Uluslararası Paris Fuarı’nın açılışı yapılmak üzeredir. Yazar Guy de Timée, yeni arayışlar içindeyken rahat bir yaşamın yaratıcılığına köstek vurduğunu, daha gerçekçi yazabilmesi için lüks hayatını terk etmesi gerektiğini düşünür. Bir sabah, karısını ve kızını bırakıp gider. Önceleri bir otelde kalır ve sefih bir hayatın içine dalarak bir randevuevine gidip gelmeye başlar. Bir süre sonra, bu randevuevinde yaşamaya başlar.
Bir gece, randevuevinde çalışan kızlardan biri öldürülmüş halde bulunur. Polisi bir fahişenin öldürülmesine pek aldırmaz ve olayın peşini bırakır. Guy, randevuevinde çalışan genç ve güzel Faustine ve Müfettis Perotti’le birlikte olayı araştırmaya başlar. Ekibin araştırmaları, aynı şekilde öldürülen başka fahişeler olduğunu da gösterir. Bütün cinayetlerin fuar alanında işlendiği, fuarın imajı bozulmasın diye cinayetlerin örtbas edildiği anlaşılır. Cinayetlerin işleniş biçimleri ise, Şeytan’a tapan bir grubun varlığını akıllara getirmektedir.

***

KİTAP DÜNYASI…

Türk edebiyatına Sessiz Ev, Beyaz Kale, Kar, Benim Adım Kırmızı, Cevdet Bey ve Oğulları, Kara Kitap gibi önemli başyapıtlar kazandıran, 2006 yılında Nobel Edebiyat Ödülü alan Orhan Pamuk, Yapı Kredi Yayınları’na geri döndü.
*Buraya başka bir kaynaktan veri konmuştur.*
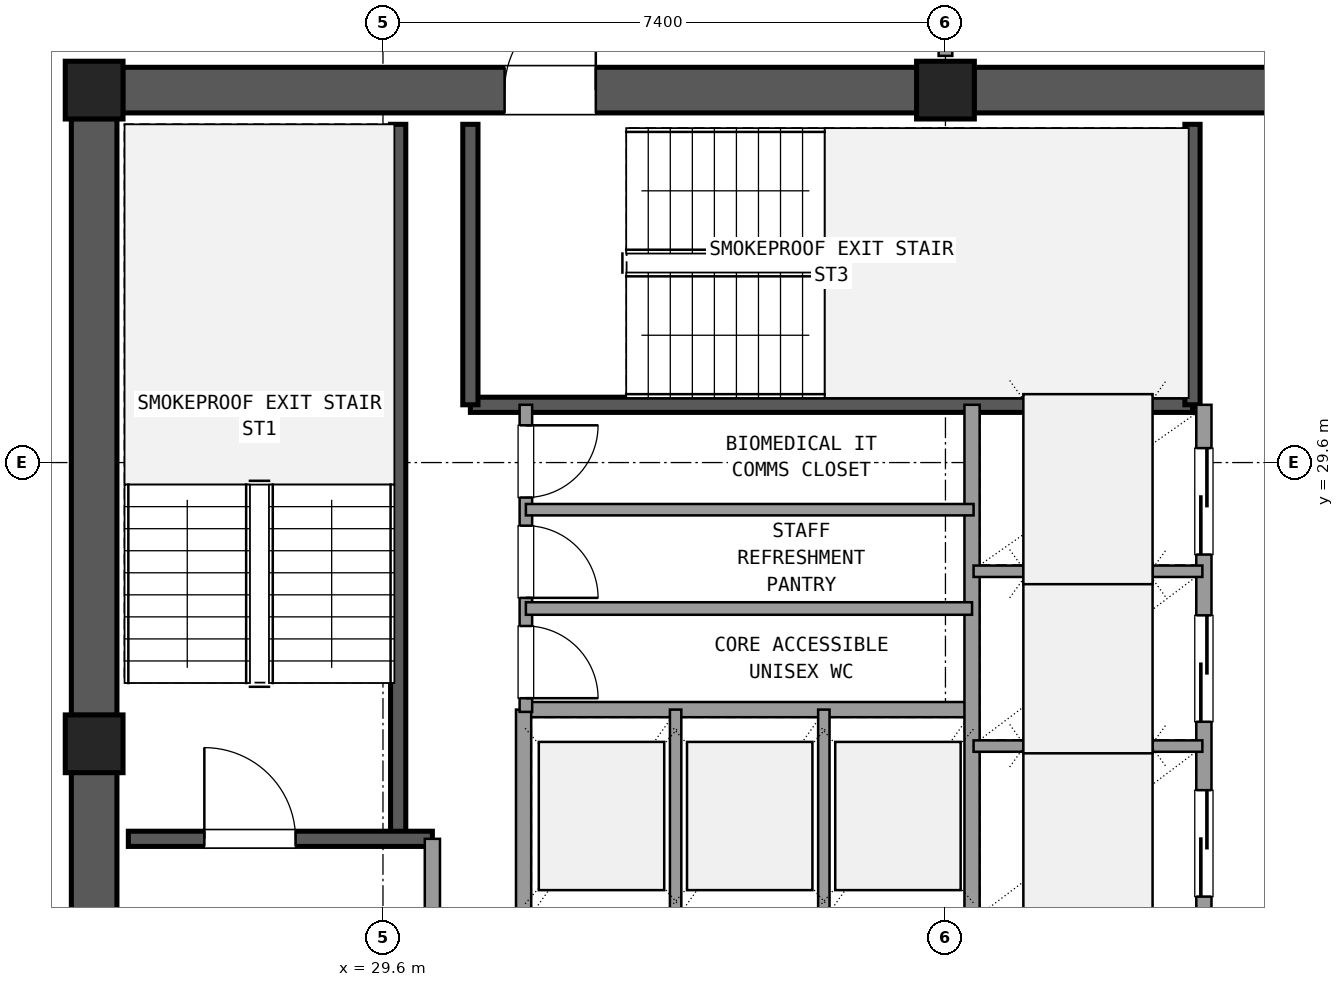
"""IFC4 building model, lengths in metres.
Left out: names, types, materials, properties, quantities, classifications, styles, units other than length and angle.
Written with IfcOpenShell. Run it as: python <this file> out.ifc"""

import sys

from ifc_helpers import new_model, si_unit, direction, frame, frame_2d, origin, origin_2d, place, context, subcontext, project, spatial, rectangle, extrude, element, fill, save


model = new_model("IFC4")
c1 = context("Model", 3, precision=1e-05, world=origin(), true_north=direction((0.0, 1.0)))
c2 = subcontext(c1, "Body", "Model", "MODEL_VIEW")
j1 = project(units=[si_unit("LENGTHUNIT", "METRE"), si_unit("PLANEANGLEUNIT", "RADIAN")], contexts=[c1])
p1 = place(None, origin())
s1 = spatial("IfcSite", under=j1, at=p1, CompositionType="ELEMENT")
p2 = place(p1, origin())
s2 = spatial("IfcBuilding", under=s1, at=p2, CompositionType="ELEMENT")
p3 = place(p2, frame((0.0, 0.0, 275.22)))
s3 = spatial("IfcBuildingStorey", under=s2, at=p3, CompositionType="ELEMENT", Elevation=275.22)
for number, where, z_axis, x_axis in (
    (1, (37.0, 34.5, 0.0), (0.0, 0.0, 1.0), (1.0, 0.0, 0.0)),
    (2, (25.8, 34.5, 0.0), (0.0, 0.0, 1.0), (1.0, 0.0, 0.0)),
    (3, (25.8, 25.9, 0.0), (0.0, 0.0, 1.0), (1.0, 0.0, 0.0)),
):
    element("IfcColumn", number, at=place(p3, frame(where, z_axis=z_axis, x_axis=x_axis)), inside=s3, PredefinedType="COLUMN", context=c2, shape_type="SweptSolid", body=[
        extrude(rectangle(XDim=0.76, YDim=0.76, at=origin_2d()), origin(), (0.0, 0.0, 1.0), 3.6),
    ])
p4 = place(p3, frame((47.825, 34.5, 0.0), z_axis=(0.0, 0.0, 1.0), x_axis=(-1.0, 0.0, 0.0)))
e4 = element("IfcWall", 4, at=p4, inside=s3, PredefinedType="SHEAR", context=c2, shape_type="SweptSolid", body=[
    extrude(rectangle(XDim=10.45, YDim=0.6, at=frame_2d((5.225, 0.0))), origin(), (0.0, 0.0, 1.0), 3.32),
])
p5 = place(p4, frame((4.725, 0.0, 0.0)))
e5 = element("IfcOpeningElement", 5, at=p5, cuts=e4, PredefinedType="OPENING", context=c2, shape_type="SweptSolid", body=[
    extrude(rectangle(XDim=1.6, YDim=2.2, at=frame_2d((0.8, 1.1))), frame((0.0, 0.31, 0.0), z_axis=(0.0, -1.0, 0.0), x_axis=(1.0, 0.0, 0.0)), (0.0, 0.0, 1.0), 0.62),
])
p6 = place(p3, frame((36.625, 34.5, 0.0), z_axis=(0.0, 0.0, 1.0), x_axis=(-1.0, 0.0, 0.0)))
e6 = element("IfcWall", 6, at=p6, inside=s3, PredefinedType="SHEAR", context=c2, shape_type="SweptSolid", body=[
    extrude(rectangle(XDim=10.45, YDim=0.6, at=frame_2d((5.225, 0.0))), origin(), (0.0, 0.0, 1.0), 3.32),
])
p7 = place(p6, frame((4.225, 0.0, 0.0)))
e7 = element("IfcOpeningElement", 7, at=p7, cuts=e6, PredefinedType="OPENING", context=c2, shape_type="SweptSolid", body=[
    extrude(rectangle(XDim=1.2, YDim=2.15, at=frame_2d((0.6, 1.075))), frame((0.0, 0.31, 0.0), z_axis=(0.0, -1.0, 0.0), x_axis=(1.0, 0.0, 0.0)), (0.0, 0.0, 1.0), 0.62),
])
p8 = place(p3, frame((25.8, 34.125, 0.0), z_axis=(0.0, 0.0, 1.0), x_axis=(0.0, -1.0, 0.0)))
e8 = element("IfcWall", 8, at=p8, inside=s3, PredefinedType="SHEAR", context=c2, shape_type="SweptSolid", body=[
    extrude(rectangle(XDim=7.85, YDim=0.6, at=frame_2d((3.925, 0.0))), origin(), (0.0, 0.0, 1.0), 3.32),
])
p9 = place(p3, frame((25.8, 25.525, 0.0), z_axis=(0.0, 0.0, 1.0), x_axis=(0.0, -1.0, 0.0)))
e9 = element("IfcWall", 9, at=p9, inside=s3, PredefinedType="SHEAR", context=c2, shape_type="SweptSolid", body=[
    extrude(rectangle(XDim=7.85, YDim=0.6, at=frame_2d((3.925, 0.0))), origin(), (0.0, 0.0, 1.0), 3.32),
])
p10 = place(p9, frame((2.275, 0.0, 0.0)))
e10 = element("IfcOpeningElement", 10, at=p10, cuts=e9, PredefinedType="OPENING", context=c2, shape_type="SweptSolid", body=[
    extrude(rectangle(XDim=1.2, YDim=2.15, at=frame_2d((0.6, 1.075))), frame((0.0, 0.31, 0.0), z_axis=(0.0, -1.0, 0.0), x_axis=(1.0, 0.0, 0.0)), (0.0, 0.0, 1.0), 0.62),
])
p11 = place(p3, frame((29.8, 24.65, 0.0), z_axis=(0.0, 0.0, 1.0), x_axis=(0.0, 1.0, 0.0)))
e11 = element("IfcWall", 11, at=p11, inside=s3, PredefinedType="SHEAR", context=c2, shape_type="SweptSolid", body=[
    extrude(rectangle(XDim=9.4, YDim=0.2, at=frame_2d((4.7, 0.0))), origin(), (0.0, 0.0, 1.0), 3.32),
])
p12 = place(p3, frame((26.25, 24.65, 0.0), z_axis=(0.0, 0.0, 1.0), x_axis=(1.0, 0.0, 0.0)))
e12 = element("IfcWall", 12, at=p12, inside=s3, PredefinedType="SHEAR", context=c2, shape_type="SweptSolid", body=[
    extrude(rectangle(XDim=4.0, YDim=0.2, at=frame_2d((2.0, 0.0))), origin(), (0.0, 0.0, 1.0), 3.32),
])
p13 = place(p12, frame((1.0, 0.0, 0.0)))
e13 = element("IfcOpeningElement", 13, at=p13, cuts=e12, PredefinedType="OPENING", context=c2, shape_type="SweptSolid", body=[
    extrude(rectangle(XDim=1.2, YDim=2.15, at=frame_2d((0.6, 1.075))), frame((0.0, 0.11, 0.0), z_axis=(0.0, -1.0, 0.0), x_axis=(1.0, 0.0, 0.0)), (0.0, 0.0, 1.0), 0.22),
])
p14 = place(p3, frame((30.75, 30.36, 0.0), z_axis=(0.0, 0.0, 1.0), x_axis=(1.0, 0.0, 0.0)))
e14 = element("IfcWall", 14, at=p14, inside=s3, PredefinedType="SHEAR", context=c2, shape_type="SweptSolid", body=[
    extrude(rectangle(XDim=9.5, YDim=0.2, at=frame_2d((4.75, 0.0))), origin(), (0.0, 0.0, 1.0), 3.32),
])
for number, where, z_axis, x_axis in (
    (15, (30.75, 30.36, 0.0), (0.0, 0.0, 1.0), (0.0, 1.0, 0.0)),
    (16, (40.25, 30.36, 0.0), (0.0, 0.0, 1.0), (0.0, 1.0, 0.0)),
):
    element("IfcWall", number, at=place(p3, frame(where, z_axis=z_axis, x_axis=x_axis)), inside=s3, PredefinedType="SHEAR", context=c2, shape_type="SweptSolid", body=[
        extrude(rectangle(XDim=3.69, YDim=0.2, at=frame_2d((1.845, 0.0))), origin(), (0.0, 0.0, 1.0), 3.32),
    ])
p15 = place(p3, frame((30.25, 17.75, 0.0), z_axis=(0.0, 0.0, 1.0), x_axis=(0.0, 1.0, 0.0)))
e17 = element("IfcWall", 17, at=p15, inside=s3, PredefinedType="SOLIDWALL", context=c2, shape_type="SweptSolid", body=[
    extrude(rectangle(XDim=6.9, YDim=0.2, at=frame_2d((3.45, 0.0))), origin(), (0.0, 0.0, 1.0), 2.61),
])
p16 = place(p15, frame((4.15, 0.0, 0.0)))
e18 = element("IfcOpeningElement", 18, at=p16, cuts=e17, PredefinedType="OPENING", context=c2, shape_type="SweptSolid", body=[
    extrude(rectangle(XDim=1.2, YDim=2.15, at=frame_2d((0.6, 1.075))), frame((0.0, 0.11, 0.0), z_axis=(0.0, -1.0, 0.0), x_axis=(1.0, 0.0, 0.0)), (0.0, 0.0, 1.0), 0.22),
])
p17 = place(p3, frame((31.45, 26.35, 0.0), z_axis=(0.0, 0.0, 1.0), x_axis=(1.0, 0.0, 0.0)))
e19 = element("IfcWall", 19, at=p17, inside=s3, PredefinedType="SOLIDWALL", context=c2, shape_type="SweptSolid", body=[
    extrude(rectangle(XDim=5.9, YDim=0.2, at=frame_2d((2.95, 0.0))), origin(), (0.0, 0.0, 1.0), 2.61),
])
p18 = place(p3, frame((31.45, 23.54, 0.0), z_axis=(0.0, 0.0, 1.0), x_axis=(0.0, 1.0, 0.0)))
e20 = element("IfcWall", 20, at=p18, inside=s3, PredefinedType="SOLIDWALL", context=c2, shape_type="SweptSolid", body=[
    extrude(rectangle(XDim=2.81, YDim=0.2, at=frame_2d((1.405, 0.0))), origin(), (0.0, 0.0, 1.0), 2.61),
])
for number, where, z_axis, x_axis in (
    (21, (33.45, 23.54, 0.0), (0.0, 0.0, 1.0), (0.0, 1.0, 0.0)),
    (22, (35.4, 23.54, 0.0), (0.0, 0.0, 1.0), (0.0, 1.0, 0.0)),
):
    element("IfcWall", number, at=place(p3, frame(where, z_axis=z_axis, x_axis=x_axis)), inside=s3, PredefinedType="PARTITIONING", context=c2, shape_type="SweptSolid", body=[
        extrude(rectangle(XDim=2.81, YDim=0.15, at=frame_2d((1.405, 0.0))), origin(), (0.0, 0.0, 1.0), 2.61),
    ])
p19 = place(p3, frame((37.35, 23.54, 0.0), z_axis=(0.0, 0.0, 1.0), x_axis=(0.0, 1.0, 0.0)))
e23 = element("IfcWall", 23, at=p19, inside=s3, PredefinedType="SOLIDWALL", context=c2, shape_type="SweptSolid", body=[
    extrude(rectangle(XDim=6.82, YDim=0.2, at=frame_2d((3.41, 0.0))), origin(), (0.0, 0.0, 1.0), 2.61),
])
p20 = place(p3, frame((40.4, 23.54, 0.0), z_axis=(0.0, 0.0, 1.0), x_axis=(0.0, 1.0, 0.0)))
e24 = element("IfcWall", 24, at=p20, inside=s3, PredefinedType="SOLIDWALL", context=c2, shape_type="SweptSolid", body=[
    extrude(rectangle(XDim=6.82, YDim=0.2, at=frame_2d((3.41, 0.0))), origin(), (0.0, 0.0, 1.0), 2.61),
])
p21 = place(p20, frame((0.35, 0.0, 0.0)))
e25 = element("IfcOpeningElement", 25, at=p21, cuts=e24, PredefinedType="OPENING", context=c2, shape_type="SweptSolid", body=[
    extrude(rectangle(XDim=1.4, YDim=2.2, at=frame_2d((0.7, 1.1))), frame((0.0, 0.11, 0.0), z_axis=(0.0, -1.0, 0.0), x_axis=(1.0, 0.0, 0.0)), (0.0, 0.0, 1.0), 0.22),
])
p22 = place(p20, frame((2.65, 0.0, 0.0)))
e26 = element("IfcOpeningElement", 26, at=p22, cuts=e24, PredefinedType="OPENING", context=c2, shape_type="SweptSolid", body=[
    extrude(rectangle(XDim=1.4, YDim=2.2, at=frame_2d((0.7, 1.1))), frame((0.0, 0.11, 0.0), z_axis=(0.0, -1.0, 0.0), x_axis=(1.0, 0.0, 0.0)), (0.0, 0.0, 1.0), 0.22),
])
p23 = place(p20, frame((4.85, 0.0, 0.0)))
e27 = element("IfcOpeningElement", 27, at=p23, cuts=e24, PredefinedType="OPENING", context=c2, shape_type="SweptSolid", body=[
    extrude(rectangle(XDim=1.4, YDim=2.2, at=frame_2d((0.7, 1.1))), frame((0.0, 0.11, 0.0), z_axis=(0.0, -1.0, 0.0), x_axis=(1.0, 0.0, 0.0)), (0.0, 0.0, 1.0), 0.22),
])
for number, where, z_axis, x_axis in (
    (28, (37.37, 25.87, 0.0), (0.0, 0.0, 1.0), (1.0, 0.0, 0.0)),
    (29, (37.37, 28.17, 0.0), (0.0, 0.0, 1.0), (1.0, 0.0, 0.0)),
):
    element("IfcWall", number, at=place(p3, frame(where, z_axis=z_axis, x_axis=x_axis)), inside=s3, PredefinedType="PARTITIONING", context=c2, shape_type="SweptSolid", body=[
        extrude(rectangle(XDim=3.01, YDim=0.15, at=frame_2d((1.505, 0.0))), origin(), (0.0, 0.0, 1.0), 2.61),
    ])
p24 = place(p3, frame((31.48, 26.32, 0.0), z_axis=(0.0, 0.0, 1.0), x_axis=(0.0, 1.0, 0.0)))
e30 = element("IfcWall", 30, at=p24, inside=s3, PredefinedType="PLUMBINGWALL", context=c2, shape_type="SweptSolid", body=[
    extrude(rectangle(XDim=4.04, YDim=0.165, at=frame_2d((2.02, 0.0))), origin(), (0.0, 0.0, 1.0), 2.61),
])
p25 = place(p24, frame((0.18, 0.0, 0.0)))
e31 = element("IfcOpeningElement", 31, at=p25, cuts=e30, PredefinedType="OPENING", context=c2, shape_type="SweptSolid", body=[
    extrude(rectangle(XDim=0.95, YDim=2.1, at=frame_2d((0.475, 1.05))), frame((0.0, 0.093, 0.0), z_axis=(0.0, -1.0, 0.0), x_axis=(1.0, 0.0, 0.0)), (0.0, 0.0, 1.0), 0.185),
])
p26 = place(p24, frame((1.5, 0.0, 0.0)))
e32 = element("IfcOpeningElement", 32, at=p26, cuts=e30, PredefinedType="OPENING", context=c2, shape_type="SweptSolid", body=[
    extrude(rectangle(XDim=0.95, YDim=2.1, at=frame_2d((0.475, 1.05))), frame((0.0, 0.093, 0.0), z_axis=(0.0, -1.0, 0.0), x_axis=(1.0, 0.0, 0.0)), (0.0, 0.0, 1.0), 0.185),
])
p27 = place(p24, frame((2.82, 0.0, 0.0)))
e33 = element("IfcOpeningElement", 33, at=p27, cuts=e30, PredefinedType="OPENING", context=c2, shape_type="SweptSolid", body=[
    extrude(rectangle(XDim=0.95, YDim=2.1, at=frame_2d((0.475, 1.05))), frame((0.0, 0.093, 0.0), z_axis=(0.0, -1.0, 0.0), x_axis=(1.0, 0.0, 0.0)), (0.0, 0.0, 1.0), 0.185),
])
p28 = place(p3, frame((31.48, 27.68, 0.0), z_axis=(0.0, 0.0, 1.0), x_axis=(1.0, 0.0, 0.0)))
e34 = element("IfcWall", 34, at=p28, inside=s3, PredefinedType="PLUMBINGWALL", context=c2, shape_type="SweptSolid", body=[
    extrude(rectangle(XDim=5.87, YDim=0.165, at=frame_2d((2.935, 0.0))), origin(), (0.0, 0.0, 1.0), 2.61),
])
p29 = place(p3, frame((31.48, 28.98, 0.0), z_axis=(0.0, 0.0, 1.0), x_axis=(1.0, 0.0, 0.0)))
e35 = element("IfcWall", 35, at=p29, inside=s3, PredefinedType="PARTITIONING", context=c2, shape_type="SweptSolid", body=[
    extrude(rectangle(XDim=5.89, YDim=0.15, at=frame_2d((2.945, 0.0))), origin(), (0.0, 0.0, 1.0), 2.61),
])
p30 = place(p3, frame((37.0, 34.95, 0.0), z_axis=(0.0, 0.0, 1.0), x_axis=(0.0, 1.0, 0.0)))
e36 = element("IfcWall", 36, at=p30, inside=s3, PredefinedType="PARTITIONING", context=c2, shape_type="SweptSolid", body=[
    extrude(rectangle(XDim=2.7, YDim=0.18, at=frame_2d((1.35, 0.0))), origin(), (0.0, 0.0, 1.0), 2.61),
])
p31 = place(p30, frame((0.35, 0.0, 0.0)))
e37 = element("IfcOpeningElement", 37, at=p31, cuts=e36, PredefinedType="OPENING", context=c2, shape_type="SweptSolid", body=[
    extrude(rectangle(XDim=2.0, YDim=2.2, at=frame_2d((1.0, 1.1))), frame((0.0, 0.1, 0.0), z_axis=(0.0, -1.0, 0.0), x_axis=(1.0, 0.0, 0.0)), (0.0, 0.0, 1.0), 0.2),
])
p32 = place(p13, origin())
e38 = element("IfcDoor", 38, at=p32, inside=s3, OperationType="SINGLE_SWING_LEFT", PredefinedType="DOOR", context=c2, shape_type="SweptSolid", body=[
    extrude(rectangle(XDim=1.2, YDim=2.15, at=frame_2d((0.6, 1.075))), frame((0.0, 0.025, 0.0), z_axis=(0.0, -1.0, 0.0), x_axis=(1.0, 0.0, 0.0)), (0.0, 0.0, 1.0), 0.05),
])
fill(e13, e38)
p33 = place(p7, frame((1.2, 0.0, 0.0), z_axis=(0.0, 0.0, 1.0), x_axis=(-1.0, 0.0, 0.0)))
e39 = element("IfcDoor", 39, at=p33, inside=s3, OperationType="SINGLE_SWING_LEFT", PredefinedType="DOOR", context=c2, shape_type="SweptSolid", body=[
    extrude(rectangle(XDim=1.2, YDim=2.15, at=frame_2d((0.6, 1.075))), frame((0.0, 0.025, 0.0), z_axis=(0.0, -1.0, 0.0), x_axis=(1.0, 0.0, 0.0)), (0.0, 0.0, 1.0), 0.05),
])
fill(e7, e39)
p34 = place(p21, origin())
e40 = element("IfcDoor", 40, at=p34, inside=s3, OperationType="SLIDING_TO_LEFT", PredefinedType="DOOR", context=c2, shape_type="SweptSolid", body=[
    extrude(rectangle(XDim=1.4, YDim=2.2, at=frame_2d((0.7, 1.1))), frame((0.0, 0.025, 0.0), z_axis=(0.0, -1.0, 0.0), x_axis=(1.0, 0.0, 0.0)), (0.0, 0.0, 1.0), 0.05),
])
fill(e25, e40)
p35 = place(p22, origin())
e41 = element("IfcDoor", 41, at=p35, inside=s3, OperationType="SLIDING_TO_LEFT", PredefinedType="DOOR", context=c2, shape_type="SweptSolid", body=[
    extrude(rectangle(XDim=1.4, YDim=2.2, at=frame_2d((0.7, 1.1))), frame((0.0, 0.025, 0.0), z_axis=(0.0, -1.0, 0.0), x_axis=(1.0, 0.0, 0.0)), (0.0, 0.0, 1.0), 0.05),
])
fill(e26, e41)
p36 = place(p23, origin())
e42 = element("IfcDoor", 42, at=p36, inside=s3, OperationType="SLIDING_TO_RIGHT", PredefinedType="DOOR", context=c2, shape_type="SweptSolid", body=[
    extrude(rectangle(XDim=1.4, YDim=2.2, at=frame_2d((0.7, 1.1))), frame((0.0, 0.025, 0.0), z_axis=(0.0, -1.0, 0.0), x_axis=(1.0, 0.0, 0.0)), (0.0, 0.0, 1.0), 0.05),
])
fill(e27, e42)
p37 = place(p25, frame((0.95, 0.0, 0.0), z_axis=(0.0, 0.0, 1.0), x_axis=(-1.0, 0.0, 0.0)))
e43 = element("IfcDoor", 43, at=p37, inside=s3, OperationType="SINGLE_SWING_LEFT", PredefinedType="DOOR", context=c2, shape_type="SweptSolid", body=[
    extrude(rectangle(XDim=0.95, YDim=2.1, at=frame_2d((0.475, 1.05))), frame((0.0, 0.025, 0.0), z_axis=(0.0, -1.0, 0.0), x_axis=(1.0, 0.0, 0.0)), (0.0, 0.0, 1.0), 0.05),
])
fill(e31, e43)
p38 = place(p26, frame((0.95, 0.0, 0.0), z_axis=(0.0, 0.0, 1.0), x_axis=(-1.0, 0.0, 0.0)))
e44 = element("IfcDoor", 44, at=p38, inside=s3, OperationType="SINGLE_SWING_LEFT", PredefinedType="DOOR", context=c2, shape_type="SweptSolid", body=[
    extrude(rectangle(XDim=0.95, YDim=2.1, at=frame_2d((0.475, 1.05))), frame((0.0, 0.025, 0.0), z_axis=(0.0, -1.0, 0.0), x_axis=(1.0, 0.0, 0.0)), (0.0, 0.0, 1.0), 0.05),
])
fill(e32, e44)
p39 = place(p27, frame((0.95, 0.0, 0.0), z_axis=(0.0, 0.0, 1.0), x_axis=(-1.0, 0.0, 0.0)))
e45 = element("IfcDoor", 45, at=p39, inside=s3, OperationType="SINGLE_SWING_RIGHT", PredefinedType="DOOR", context=c2, shape_type="SweptSolid", body=[
    extrude(rectangle(XDim=0.95, YDim=2.1, at=frame_2d((0.475, 1.05))), frame((0.0, 0.025, 0.0), z_axis=(0.0, -1.0, 0.0), x_axis=(1.0, 0.0, 0.0)), (0.0, 0.0, 1.0), 0.05),
])
fill(e33, e45)
save(model, sys.argv[1])

Ünlü yönetmen Spielberg, John Steinbeck‘in klasikleşen eseri ‘Gazap Üzümleri’ni beyaz perdeye taşıyor.

Amerikalı bilimkurgu yazarı Arthur C. Clarke‘ın ölümünden önce alınan saç örneği NASA’nın yapacağı ilk güneş yelkeni yolculuğunda uzayın derinliklerine taşınacak.